Upon returning to the village, they discover that it has been taken over by the expedition, including Marau Carías and Captain Ariosto. Just as Nadia convinces the Indians to receive vaccinations, she and Alex realize that the vaccines are actually deadly doses of the measles virus, part of Carias’s plan to kill the Amazonian natives.

By a hair, they stop the vaccinations before the first dose is given. Karakawe, an expedition member, is revealed to be an officer of the Department for the Protection of Indigenous Peoples; he is shot by Ariosto. The Indios flee into the woods as a full-fledged gunfight breaks out. Luckily, it ends quickly. Ariosto and his soldiers take captive all of the members of the expedition. Some soldiers return with the gravely injured Carias and Dr. Torres. At night, Nadia and Alex manage to escape. With Walimai's help, the rest of the men are knocked unconscious by the smell of two of the Beasts, who also kill Ariosto. The tribe brings the rest of the expedition to safety. After the People of the Mist reach an agreement with the remaining members of the expedition (they will protect that area with all the power, influence, and money they can muster), they leave.

===Last part===
In the end, Eagle and Jaguar must part. She gives Alex the three "crystal eggs". With the money gained from their sale, it was hoped that they would be able to fund a foundation to keep the World's Eye safe. Alex tells her that the best thing about the trip was meeting her, and they agree that they will be best friends forever.

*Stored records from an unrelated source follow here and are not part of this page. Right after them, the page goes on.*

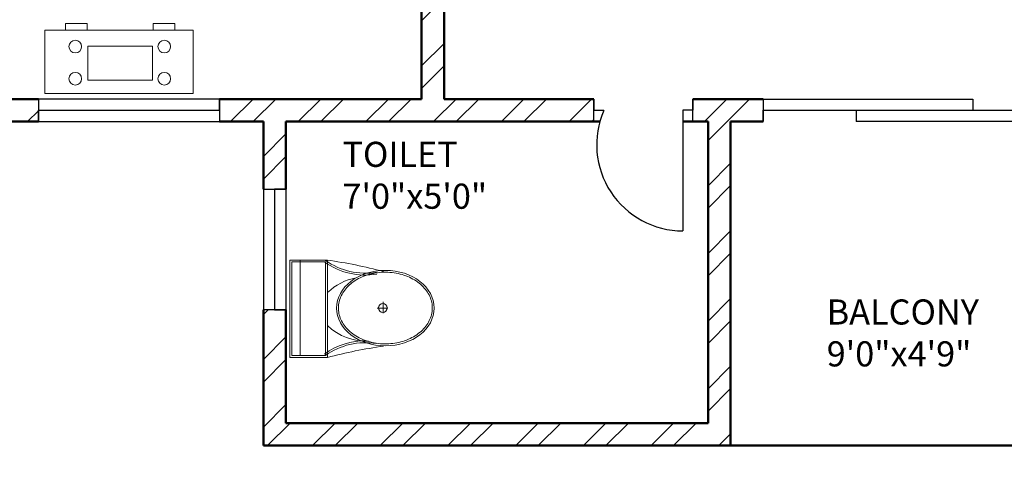
# Model space of a CAD drawing. Units: inches. Extents: x 963 to 2075, y 289 to 2657.
# Tile 45 of 98: x 1689 to 1885, y 1474 to 1563. Entities that reach past the tile are written whole.
import ezdxf

# ---------------------------------------------------------------- set-up
doc = ezdxf.new("R2010")
doc.units = ezdxf.units.IN
for name, color, linetype, lineweight in [('A-AREA-IDEN', 7, 'Continuous', 18), ('A-DOOR', 4, 'Continuous', 25), ('A-FLOR-FIXT', 9, 'Continuous', 18), ('A-GLAZ', 3, 'Continuous', 25), ('A-WALL', 7, 'Continuous', 50), ('A-WALL-PATT', 8, 'Continuous', 13)]:
    doc.layers.add(name, color=color, linetype=linetype, lineweight=lineweight)
doc.styles.get("Standard").update_dxf_attribs({"font": 'arial.ttf'})

# ---------------------------------------------------------------- blocks, each defined once
blk = doc.blocks.new('A$C31115884')
for p, q in [((283.1, 497.7), (223.4, 497.7)), ((257.5, 466.4), (257.5, 523.2)), ((0, 200), (0, 0)), ((520, 200), (0, 200)), ((10, 190), (10, 10)), ((510, 190), (10, 190)), ((510, 10), (510, 190)), ((520, 0), (520, 200)), ((510, 54.5), (0, 54.5)), ((10, 10), (510, 10)), ((0, 0), (520, 0))]:
    blk.add_line(p, q)
blk.add_circle((255.6, 496.4), 23.6)
for centre, radius, start, end in [((2777.7, -204.6), 2807, 165.4549, 171.7133), ((3237, 905), 2807, 188.2867, 194.5451), ((-294.5, 403.3), 364.7, 324.2091, 9.3499), ((-294.5, 403.3), 374.7, 324.2091, 9.3499), ((805.8, 403.3), 364.7, 170.6501, 215.7909), ((139.5, 406.2), 293.5, 315.8436, 2.6563), ((805.8, 403.3), 374.7, 179.2036, 215.7909), ((383.6, 406.2), 293.5, 190.2774, 224.1564)]:
    blk.add_arc(centre, radius, start, end)
blk.add_ellipse((256.2, 509.9), major_axis=(0, -260.7), ratio=0.772727)
blk.add_open_spline([(256.2, 259.2), (263.1, 259.2), (270, 259.7), (287.8, 262.3), (298.7, 265.1), (319.9, 273.1), (330.2, 278.4), (350.1, 291.1), (359.7, 298.7), (377.7, 315.9), (386.2, 325.5), (401.7, 346.6), (408.8, 358.1), (421.3, 382.5), (426.8, 395.5), (435.9, 422.4), (439.5, 436.4), (444.8, 465.1), (446.5, 479.7), (447.9, 509.2), (447.6, 524), (445, 553.3), (442.7, 567.8), (436.3, 596), (432.1, 609.7), (421.9, 636), (416, 648.6), (402.5, 672.1), (395, 683), (378.6, 703), (369.8, 712.1), (351.1, 728), (341.3, 734.8), (320.9, 746.2), (310.4, 750.7), (288.9, 757.3), (278, 759.4), (256, 761), (245, 760.6), (223.1, 757.2), (212.3, 754.3), (191.1, 746.1), (180.8, 740.7), (160.9, 727.8), (151.4, 720.1), (133.5, 702.7), (125.1, 693), (109.6, 671.7), (102.6, 660.2), (90.2, 635.7), (84.9, 622.7), (76, 595.6), (72.4, 581.6), (67.2, 552.9), (65.6, 538.2), (64.4, 508.8), (64.8, 494), (67.5, 464.7), (69.9, 450.2), (76.6, 422), (80.8, 408.3), (91.1, 382.2), (97.2, 369.7), (110.8, 346.3), (118.4, 335.4), (134.8, 315.6), (143.7, 306.7), (162.4, 290.9), (172.3, 284.2), (192.8, 273), (203.3, 268.6), (224.8, 262.2), (235.8, 260.2), (249.9, 259.3), (253, 259.2), (256.2, 259.2)], degree=3, knots=[0, 0, 0, 0, 0.110105, 0.110105, 0.285049, 0.285049, 0.459994, 0.459994, 0.634938, 0.634938, 0.809882, 0.809882, 0.984827, 0.984827, 1.159771, 1.159771, 1.334715, 1.334715, 1.50966, 1.50966, 1.684604, 1.684604, 1.859549, 1.859549, 2.034493, 2.034493, 2.209437, 2.209437, 2.384382, 2.384382, 2.559326, 2.559326, 2.73427, 2.73427, 2.909215, 2.909215, 3.084159, 3.084159, 3.259103, 3.259103, 3.434048, 3.434048, 3.608992, 3.608992, 3.783936, 3.783936, 3.958881, 3.958881, 4.133825, 4.133825, 4.30877, 4.30877, 4.483714, 4.483714, 4.658658, 4.658658, 4.833603, 4.833603, 5.008547, 5.008547, 5.183491, 5.183491, 5.358436, 5.358436, 5.53338, 5.53338, 5.708324, 5.708324, 5.883269, 5.883269, 6.058213, 6.058213, 6.233158, 6.233158, 6.283185, 6.283185, 6.283185, 6.283185])

msp = doc.modelspace()

# ---------------------------------------------------------------- hatches: boundary and pattern name
at = {"layer": 'A-WALL-PATT'}
h = msp.add_hatch(dxfattribs=at)
h.set_pattern_fill('ANSI32', color=256)
h.paths.add_polyline_path([(1296.92, 2558.32), (1203.92, 2558.32), (1203.92, 2493.82), (1191.53, 2493.82), (1191.53, 2489.32), (1211.06, 2489.32), (1211.06, 2492.02), (1211.06, 2493.82), (1208.42, 2493.82), (1208.42, 2553.82), (1292.42, 2553.82), (1292.42, 2538.86), (1296.92, 2538.86)])
h.paths.add_polyline_path([(1442.42, 2558.32), (1349.42, 2558.32), (1349.42, 2538.94), (1353.92, 2538.94), (1353.92, 2553.82), (1437.92, 2553.82), (1437.92, 2493.82), (1434.54, 2493.82), (1434.54, 2489.32), (1448.31, 2489.32), (1448.31, 2491.57), (1448.31, 2493.82), (1442.42, 2493.82)])
h.paths.add_polyline_path([(1415.55, 2491.57), (1415.55, 2493.82), (1340.94, 2493.82), (1340.94, 2489.32), (1371.92, 2489.32), (1371.92, 2378.32), (1367.6, 2378.32), (1367.6, 2373.82), (1371.92, 2373.82), (1371.92, 2355.19), (1376.42, 2355.19), (1376.42, 2489.32), (1415.55, 2489.32)])
h.paths.add_polyline_path([(1304.94, 2491.57), (1304.94, 2493.82), (1296.92, 2493.82), (1296.92, 2514.86), (1292.42, 2514.86), (1292.42, 2493.82), (1232.81, 2493.82), (1232.81, 2489.32), (1256.42, 2489.32), (1256.42, 2327.32), (1253.71, 2327.32), (1253.71, 2322.82), (1328.42, 2322.82), (1328.42, 2331.15), (1323.92, 2331.15), (1323.92, 2327.32), (1260.92, 2327.32), (1260.92, 2373.82), (1323.92, 2373.82), (1323.92, 2357.81), (1328.42, 2357.81), (1328.42, 2373.82), (1346.01, 2373.82), (1346.01, 2376.07), (1346.01, 2378.32), (1260.92, 2378.32), (1260.92, 2489.32), (1304.94, 2489.32)])
h.paths.add_polyline_path([(1226.65, 2327.32), (1124.42, 2327.32), (1124.42, 2347.45), (1119.92, 2347.45), (1119.92, 2322.82), (1163.42, 2322.82), (1163.42, 2305.43), (1165.67, 2305.43), (1167.92, 2305.43), (1167.92, 2322.82), (1226.65, 2322.82), (1226.65, 2325.07)])
h.paths.add_polyline_path([(1095.92, 2489.32), (1124.42, 2489.32), (1131.53, 2489.32), (1131.53, 2491.57), (1131.53, 2493.82), (1119.92, 2493.82), (1091.42, 2493.82), (1091.42, 2417.32), (1095.92, 2417.32), (1119.92, 2417.32), (1119.92, 2407.45), (1124.42, 2407.45), (1124.42, 2421.82), (1095.92, 2421.82)])
h.paths.add_polyline_path([(1512.92, 2558.32), (1508.42, 2558.32), (1508.42, 2493.82), (1503.4, 2493.82), (1503.4, 2489.32), (1508.42, 2489.32), (1508.42, 2327.32), (1376.42, 2327.32), (1376.42, 2330.27), (1371.92, 2330.27), (1371.92, 2298.74), (1376.42, 2298.74), (1376.42, 2322.82), (1508.42, 2322.82), (1508.42, 2165.32), (1504.26, 2165.32), (1504.26, 2160.82), (1508.42, 2160.82), (1508.42, 2108.32), (1512.92, 2108.32), (1512.92, 2160.82), (1516.18, 2160.82), (1516.18, 2163.07), (1516.18, 2165.32), (1512.92, 2165.32), (1512.92, 2322.82), (1644.92, 2322.82), (1644.92, 2298.74), (1649.42, 2298.74), (1649.42, 2322.82), (1649.42, 2330.94), (1647.17, 2330.94), (1644.92, 2330.94), (1644.92, 2327.32), (1512.92, 2327.32), (1512.92, 2489.32), (1516.76, 2489.32), (1516.76, 2491.57), (1516.76, 2493.82), (1512.92, 2493.82)])
h.paths.add_polyline_path([(1671.92, 2558.32), (1578.92, 2558.32), (1578.92, 2493.82), (1573.53, 2493.82), (1573.53, 2489.32), (1586.54, 2489.32), (1586.54, 2491.57), (1586.54, 2493.82), (1583.42, 2493.82), (1583.42, 2553.82), (1667.42, 2553.82), (1667.42, 2541.11), (1671.92, 2541.11)])
h.paths.add_polyline_path([(1681.26, 2493.82), (1671.92, 2493.82), (1671.92, 2517.11), (1667.42, 2517.11), (1667.42, 2493.82), (1610.22, 2493.82), (1610.22, 2489.32), (1644.92, 2489.32), (1644.92, 2357.87), (1649.42, 2357.87), (1649.42, 2373.82), (1652.2, 2373.82), (1652.2, 2375.83), (1652.2, 2378.32), (1649.42, 2378.32), (1649.42, 2489.32), (1681.26, 2489.32), (1681.26, 2491.57)])
h.paths.add_polyline_path([(1821.92, 2558.32), (1728.92, 2558.32), (1728.92, 2541), (1733.42, 2541), (1733.42, 2553.82), (1817.42, 2553.82), (1817.42, 2493.82), (1813.51, 2493.82), (1813.51, 2489.32), (1830.08, 2489.32), (1830.08, 2491.57), (1830.08, 2493.82), (1821.92, 2493.82)])
h.paths.add_polyline_path([(1794.24, 2493.82), (1717.26, 2493.82), (1717.26, 2489.32), (1760.42, 2489.32), (1760.42, 2378.32), (1674.4, 2378.32), (1674.4, 2373.82), (1692.92, 2373.82), (1692.92, 2356.95), (1697.42, 2356.95), (1697.42, 2373.82), (1760.42, 2373.82), (1760.42, 2327.32), (1697.42, 2327.32), (1697.42, 2333.34), (1692.92, 2333.34), (1692.92, 2322.82), (1768.04, 2322.82), (1768.04, 2325.07), (1768.04, 2327.32), (1764.92, 2327.32), (1764.92, 2489.32), (1794.24, 2489.32)])
h.paths.add_polyline_path([(1733.42, 2517), (1728.92, 2517), (1728.92, 2493.82), (1733.42, 2493.82)], flags=17)
h.paths.add_polyline_path([(1929.92, 2493.82), (1890.08, 2493.82), (1890.08, 2489.32), (1896.92, 2489.32), (1925.42, 2489.32), (1925.42, 2421.82), (1896.92, 2421.82), (1896.92, 2408.32), (1901.42, 2408.32), (1901.42, 2417.32), (1925.42, 2417.32), (1929.92, 2417.32)])
h.paths.add_polyline_path([(1901.42, 2348.32), (1896.92, 2348.32), (1896.92, 2327.32), (1800.42, 2327.32), (1800.42, 2322.82), (1853.42, 2322.82), (1853.42, 2309.45), (1857.92, 2309.45), (1857.92, 2322.82), (1901.42, 2322.82)])
h.paths.add_polyline_path([(1857.92, 2249.45), (1853.42, 2249.45), (1853.42, 2214.82), (1686.31, 2214.82), (1686.31, 2210.32), (1853.42, 2210.32), (1853.42, 2202.13), (1857.92, 2202.13), (1857.92, 2210.32)])
h.paths.add_polyline_path([(1857.92, 2142.13), (1853.42, 2142.13), (1853.42, 2115.42), (1841.42, 2115.42), (1841.42, 2088.53), (1841.42, 2046.95), (1845.92, 2046.95), (1845.92, 2110.92), (1905.92, 2110.92), (1905.92, 2092.52), (1910.42, 2092.52), (1910.42, 2115.42), (1857.92, 2115.42)])
h.paths.add_polyline_path([(1532.44, 1482.34), (1573.46, 1482.34), (1573.46, 1501), (1532.44, 1501)], flags=9)
h.paths.add_polyline_path([(1438.66, 1486.3), (1479.68, 1486.3), (1479.68, 1504.96), (1438.66, 1504.96)], flags=9)
h.paths.add_polyline_path([(1411.22, 1365.31), (1659.14, 1365.31), (1659.14, 1402.4), (1411.22, 1402.4)], flags=9)
h.paths.add_polyline_path([(1185.67, 2296.3), (1248.16, 2296.3), (1248.16, 2314.95), (1185.67, 2314.95)], flags=9)
h.paths.add_polyline_path([(1177.31, 2187.35), (1216.15, 2187.35), (1216.15, 2206.01), (1177.31, 2206.01)], flags=9)
h.paths.add_polyline_path([(1295.1, 1602.08), (1328.26, 1602.08), (1328.26, 1620.74), (1295.1, 1620.74)], flags=9)
h.paths.add_polyline_path([(1525.13, 2005.99), (1558.39, 2005.99), (1558.39, 2024.65), (1525.13, 2024.65)], flags=9)
h.paths.add_polyline_path([(1459.61, 1977.13), (1472.19, 1977.13), (1472.19, 1987.43), (1459.61, 1987.43)], flags=9)
h.paths.add_polyline_path([(1467.81, 2053.68), (1480.02, 2053.68), (1480.02, 2063.98), (1467.81, 2063.98)], flags=9)
h.paths.add_polyline_path([(1555.18, 2119.02), (1584.56, 2119.02), (1584.56, 2137.68), (1555.18, 2137.68)], flags=25)
h.paths.add_polyline_path([(1405.39, 2115.29), (1444.48, 2115.29), (1444.48, 2133.95), (1405.39, 2133.95)], flags=25)
h.paths.add_polyline_path([(1698.48, 2004.26), (1727.69, 2004.26), (1727.69, 2022.92), (1698.48, 2022.92)], flags=9)
h.paths.add_polyline_path([(1612.16, 1972.86), (1629.02, 1972.86), (1629.02, 1983.16), (1612.16, 1983.16)], flags=9)
h.paths.add_polyline_path([(1608.29, 2060.04), (1625.15, 2060.04), (1625.15, 2070.34), (1608.29, 2070.34)], flags=9)
h.paths.add_polyline_path([(1527.95, 1684.4), (1566.79, 1684.4), (1566.79, 1703.06), (1527.95, 1703.06)], flags=9)
h.paths.add_polyline_path([(1422.79, 1683.59), (1461.63, 1683.59), (1461.63, 1702.25), (1422.79, 1702.25)], flags=9)
h.paths.add_polyline_path([(1531.26, 1732.46), (1574.01, 1732.46), (1574.01, 1751.12), (1531.26, 1751.12)], flags=9)
h.paths.add_polyline_path([(1402.87, 1732.85), (1439.8, 1732.85), (1439.8, 1751.5), (1402.87, 1751.5)], flags=9)
h.paths.add_polyline_path([(1243.12, 1923.13), (1281.96, 1923.13), (1281.96, 1941.79), (1243.12, 1941.79)], flags=9)
h.paths.add_polyline_path([(1181.75, 1792.27), (1244.24, 1792.27), (1244.24, 1810.93), (1181.75, 1810.93)], flags=9)
h.paths.add_polyline_path([(1265.82, 1670.3), (1316.07, 1670.3), (1316.07, 1688.96), (1265.82, 1688.96)], flags=9)
h.paths.add_polyline_path([(1140.26, 1676.05), (1179.1, 1676.05), (1179.1, 1694.71), (1140.26, 1694.71)], flags=9)
h.paths.add_polyline_path([(1107.49, 1490.89), (1143.37, 1490.89), (1143.37, 1509.55), (1107.49, 1509.55)], flags=9)
h.paths.add_polyline_path([(1217.58, 1483.9), (1246.74, 1483.9), (1246.74, 1502.56), (1217.58, 1502.56)], flags=9)
h.paths.add_polyline_path([(1389.21, 1486.92), (1418.37, 1486.92), (1418.37, 1505.58), (1389.21, 1505.58)], flags=9)
h.paths.add_polyline_path([(1672.21, 1602.08), (1705.37, 1602.08), (1705.37, 1620.74), (1672.21, 1620.74)], flags=9)
h.paths.add_polyline_path([(1752.08, 1522.64), (1781.24, 1522.64), (1781.24, 1541.3), (1752.08, 1541.3)], flags=9)
h.paths.add_polyline_path([(1848.27, 1491.26), (1884.16, 1491.26), (1884.16, 1509.92), (1848.27, 1509.92)], flags=9)
h.paths.add_polyline_path([(1822.47, 1685.62), (1861.31, 1685.62), (1861.31, 1704.28), (1822.47, 1704.28)], flags=9)
h.paths.add_polyline_path([(1713.19, 1672.23), (1763.44, 1672.23), (1763.44, 1690.89), (1713.19, 1690.89)], flags=9)
h.paths.add_polyline_path([(1736.62, 1790.58), (1799.11, 1790.58), (1799.11, 1809.24), (1736.62, 1809.24)], flags=9)
h.paths.add_polyline_path([(1691.49, 1916.36), (1730.33, 1916.36), (1730.33, 1935.01), (1691.49, 1935.01)], flags=9)
h.paths.add_polyline_path([(1764.87, 1973.92), (1794.31, 1973.92), (1794.31, 1992.58), (1764.87, 1992.58)], flags=9)
h.paths.add_polyline_path([(1767.85, 2034.02), (1797.29, 2034.02), (1797.29, 2052.67), (1767.85, 2052.67)], flags=9)
h.paths.add_polyline_path([(1851.59, 2060.33), (1880.75, 2060.33), (1880.75, 2078.99), (1851.59, 2078.99)], flags=25)
h.paths.add_polyline_path([(1688.49, 2086.87), (1727.33, 2086.87), (1727.33, 2105.53), (1688.49, 2105.53)], flags=9)
h.paths.add_polyline_path([(1537.74, 2293.58), (1580.49, 2293.58), (1580.49, 2312.24), (1537.74, 2312.24)], flags=25)
h.paths.add_polyline_path([(1425.59, 2296.11), (1468.34, 2296.11), (1468.34, 2314.77), (1425.59, 2314.77)], flags=25)
h.paths.add_polyline_path([(1278.52, 2004.18), (1307.72, 2004.18), (1307.72, 2022.84), (1278.52, 2022.84)], flags=9)
h.paths.add_polyline_path([(1193.28, 1973.63), (1222.72, 1973.63), (1222.72, 1992.29), (1193.28, 1992.29)], flags=9)
h.paths.add_polyline_path([(1192.41, 2040.58), (1221.84, 2040.58), (1221.84, 2059.23), (1192.41, 2059.23)], flags=9)
h.paths.add_polyline_path([(1130.6, 1951.39), (1159.76, 1951.39), (1159.76, 1970.05), (1130.6, 1970.05)], flags=9)
h.paths.add_polyline_path([(1132.83, 2052.49), (1161.98, 2052.49), (1161.98, 2071.15), (1132.83, 2071.15)], flags=9)
h.paths.add_polyline_path([(1265.13, 2334.62), (1315.38, 2334.62), (1315.38, 2353.28), (1265.13, 2353.28)], flags=25)
h.paths.add_polyline_path([(1136.74, 2330.79), (1175.58, 2330.79), (1175.58, 2349.44), (1136.74, 2349.44)], flags=9)
h.paths.add_polyline_path([(1287.42, 2417.2), (1320.58, 2417.2), (1320.58, 2435.86), (1287.42, 2435.86)], flags=25)
h.paths.add_polyline_path([(1430.99, 2329.16), (1469.83, 2329.16), (1469.83, 2347.82), (1430.99, 2347.82)], flags=25)
h.paths.add_polyline_path([(1525.42, 2329.21), (1564.26, 2329.21), (1564.26, 2347.87), (1525.42, 2347.87)], flags=25)
h.paths.add_polyline_path([(1684.52, 2382.8), (1717.68, 2382.8), (1717.68, 2401.46), (1684.52, 2401.46)], flags=25)
h.paths.add_polyline_path([(1704.81, 2340.29), (1755.05, 2340.29), (1755.05, 2358.95), (1704.81, 2358.95)], flags=25)
h.paths.add_polyline_path([(1694.11, 2287.76), (1756.6, 2287.76), (1756.6, 2306.41), (1694.11, 2306.41)], flags=9)
h.paths.add_polyline_path([(1815.78, 2329.86), (1854.62, 2329.86), (1854.62, 2348.52), (1815.78, 2348.52)], flags=9)
h.paths.add_polyline_path([(1842.87, 2514.26), (1878.76, 2514.26), (1878.76, 2532.91), (1842.87, 2532.91)], flags=9)
h.paths.add_polyline_path([(1769.51, 2531.45), (1798.67, 2531.45), (1798.67, 2550.1), (1769.51, 2550.1)], flags=25)
h.paths.add_polyline_path([(1594.77, 2518.47), (1623.93, 2518.47), (1623.93, 2537.13), (1594.77, 2537.13)], flags=25)
h.paths.add_polyline_path([(1520.72, 2516.18), (1556.61, 2516.18), (1556.61, 2534.84), (1520.72, 2534.84)], flags=25)
h.paths.add_polyline_path([(1464.46, 2516.69), (1500.34, 2516.69), (1500.34, 2535.35), (1464.46, 2535.35)], flags=25)
h.paths.add_polyline_path([(1365.7, 2528.97), (1394.85, 2528.97), (1394.85, 2547.63), (1365.7, 2547.63)], flags=25)
h.paths.add_polyline_path([(1222.84, 2516.23), (1252, 2516.23), (1252, 2534.89), (1222.84, 2534.89)], flags=25)
h.paths.add_polyline_path([(1104.55, 2509.6), (1140.43, 2509.6), (1140.43, 2528.26), (1104.55, 2528.26)], flags=9)
h = msp.add_hatch(dxfattribs=at)
h.set_pattern_fill('ANSI32', color=256)
h.paths.add_polyline_path([(1335.97, 2212.57), (1335.97, 2214.82), (1167.92, 2214.82), (1167.92, 2245.43), (1163.42, 2245.43), (1163.42, 2210.32), (1163.42, 2194.81), (1167.92, 2194.81), (1167.92, 2210.32), (1335.97, 2210.32)])
h.paths.add_polyline_path([(1532.44, 1482.34), (1573.46, 1482.34), (1573.46, 1501), (1532.44, 1501)], flags=9)
h.paths.add_polyline_path([(1438.66, 1486.3), (1479.68, 1486.3), (1479.68, 1504.96), (1438.66, 1504.96)], flags=9)
h.paths.add_polyline_path([(1411.22, 1365.31), (1659.14, 1365.31), (1659.14, 1402.4), (1411.22, 1402.4)], flags=9)
h.paths.add_polyline_path([(1185.67, 2296.3), (1248.16, 2296.3), (1248.16, 2314.95), (1185.67, 2314.95)], flags=9)
h.paths.add_polyline_path([(1177.31, 2187.35), (1216.15, 2187.35), (1216.15, 2206.01), (1177.31, 2206.01)], flags=9)
h.paths.add_polyline_path([(1295.1, 1602.08), (1328.26, 1602.08), (1328.26, 1620.74), (1295.1, 1620.74)], flags=9)
h.paths.add_polyline_path([(1525.13, 2005.99), (1558.39, 2005.99), (1558.39, 2024.65), (1525.13, 2024.65)], flags=9)
h.paths.add_polyline_path([(1459.61, 1977.13), (1472.19, 1977.13), (1472.19, 1987.43), (1459.61, 1987.43)], flags=9)
h.paths.add_polyline_path([(1467.81, 2053.68), (1480.02, 2053.68), (1480.02, 2063.98), (1467.81, 2063.98)], flags=9)
h.paths.add_polyline_path([(1555.18, 2119.02), (1584.56, 2119.02), (1584.56, 2137.68), (1555.18, 2137.68)], flags=9)
h.paths.add_polyline_path([(1405.39, 2115.29), (1444.48, 2115.29), (1444.48, 2133.95), (1405.39, 2133.95)], flags=9)
h.paths.add_polyline_path([(1698.48, 2004.26), (1727.69, 2004.26), (1727.69, 2022.92), (1698.48, 2022.92)], flags=9)
h.paths.add_polyline_path([(1612.16, 1972.86), (1629.02, 1972.86), (1629.02, 1983.16), (1612.16, 1983.16)], flags=9)
h.paths.add_polyline_path([(1608.29, 2060.04), (1625.15, 2060.04), (1625.15, 2070.34), (1608.29, 2070.34)], flags=9)
h.paths.add_polyline_path([(1527.95, 1684.4), (1566.79, 1684.4), (1566.79, 1703.06), (1527.95, 1703.06)], flags=9)
h.paths.add_polyline_path([(1422.79, 1683.59), (1461.63, 1683.59), (1461.63, 1702.25), (1422.79, 1702.25)], flags=9)
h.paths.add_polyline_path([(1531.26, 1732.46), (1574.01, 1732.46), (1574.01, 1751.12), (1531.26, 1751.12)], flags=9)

==Literary significance and reception==
Initial reception was split between harsh criticism and approval. Some critics regarded the novel as an engaging read and a good first try at a children's book, while others note its slow start, and tedious, somewhat unconvincing speech in translation.

City of the Beasts has been translated into over 40 languages.

==Awards and nominations==
- San Francisco Chronicle Book Review for Nov. 17th 2002: one of the best Young Adult Science Fiction novels of 2002
- Book Magazine Best of 2002 list for Young Adults
- Time magazine 100 Best Young Adult Books of All Time

==Sequels==
Eagle and Jaguar meet again in the sequels, Kingdom of the Golden Dragon, and Forest of the Pygmies.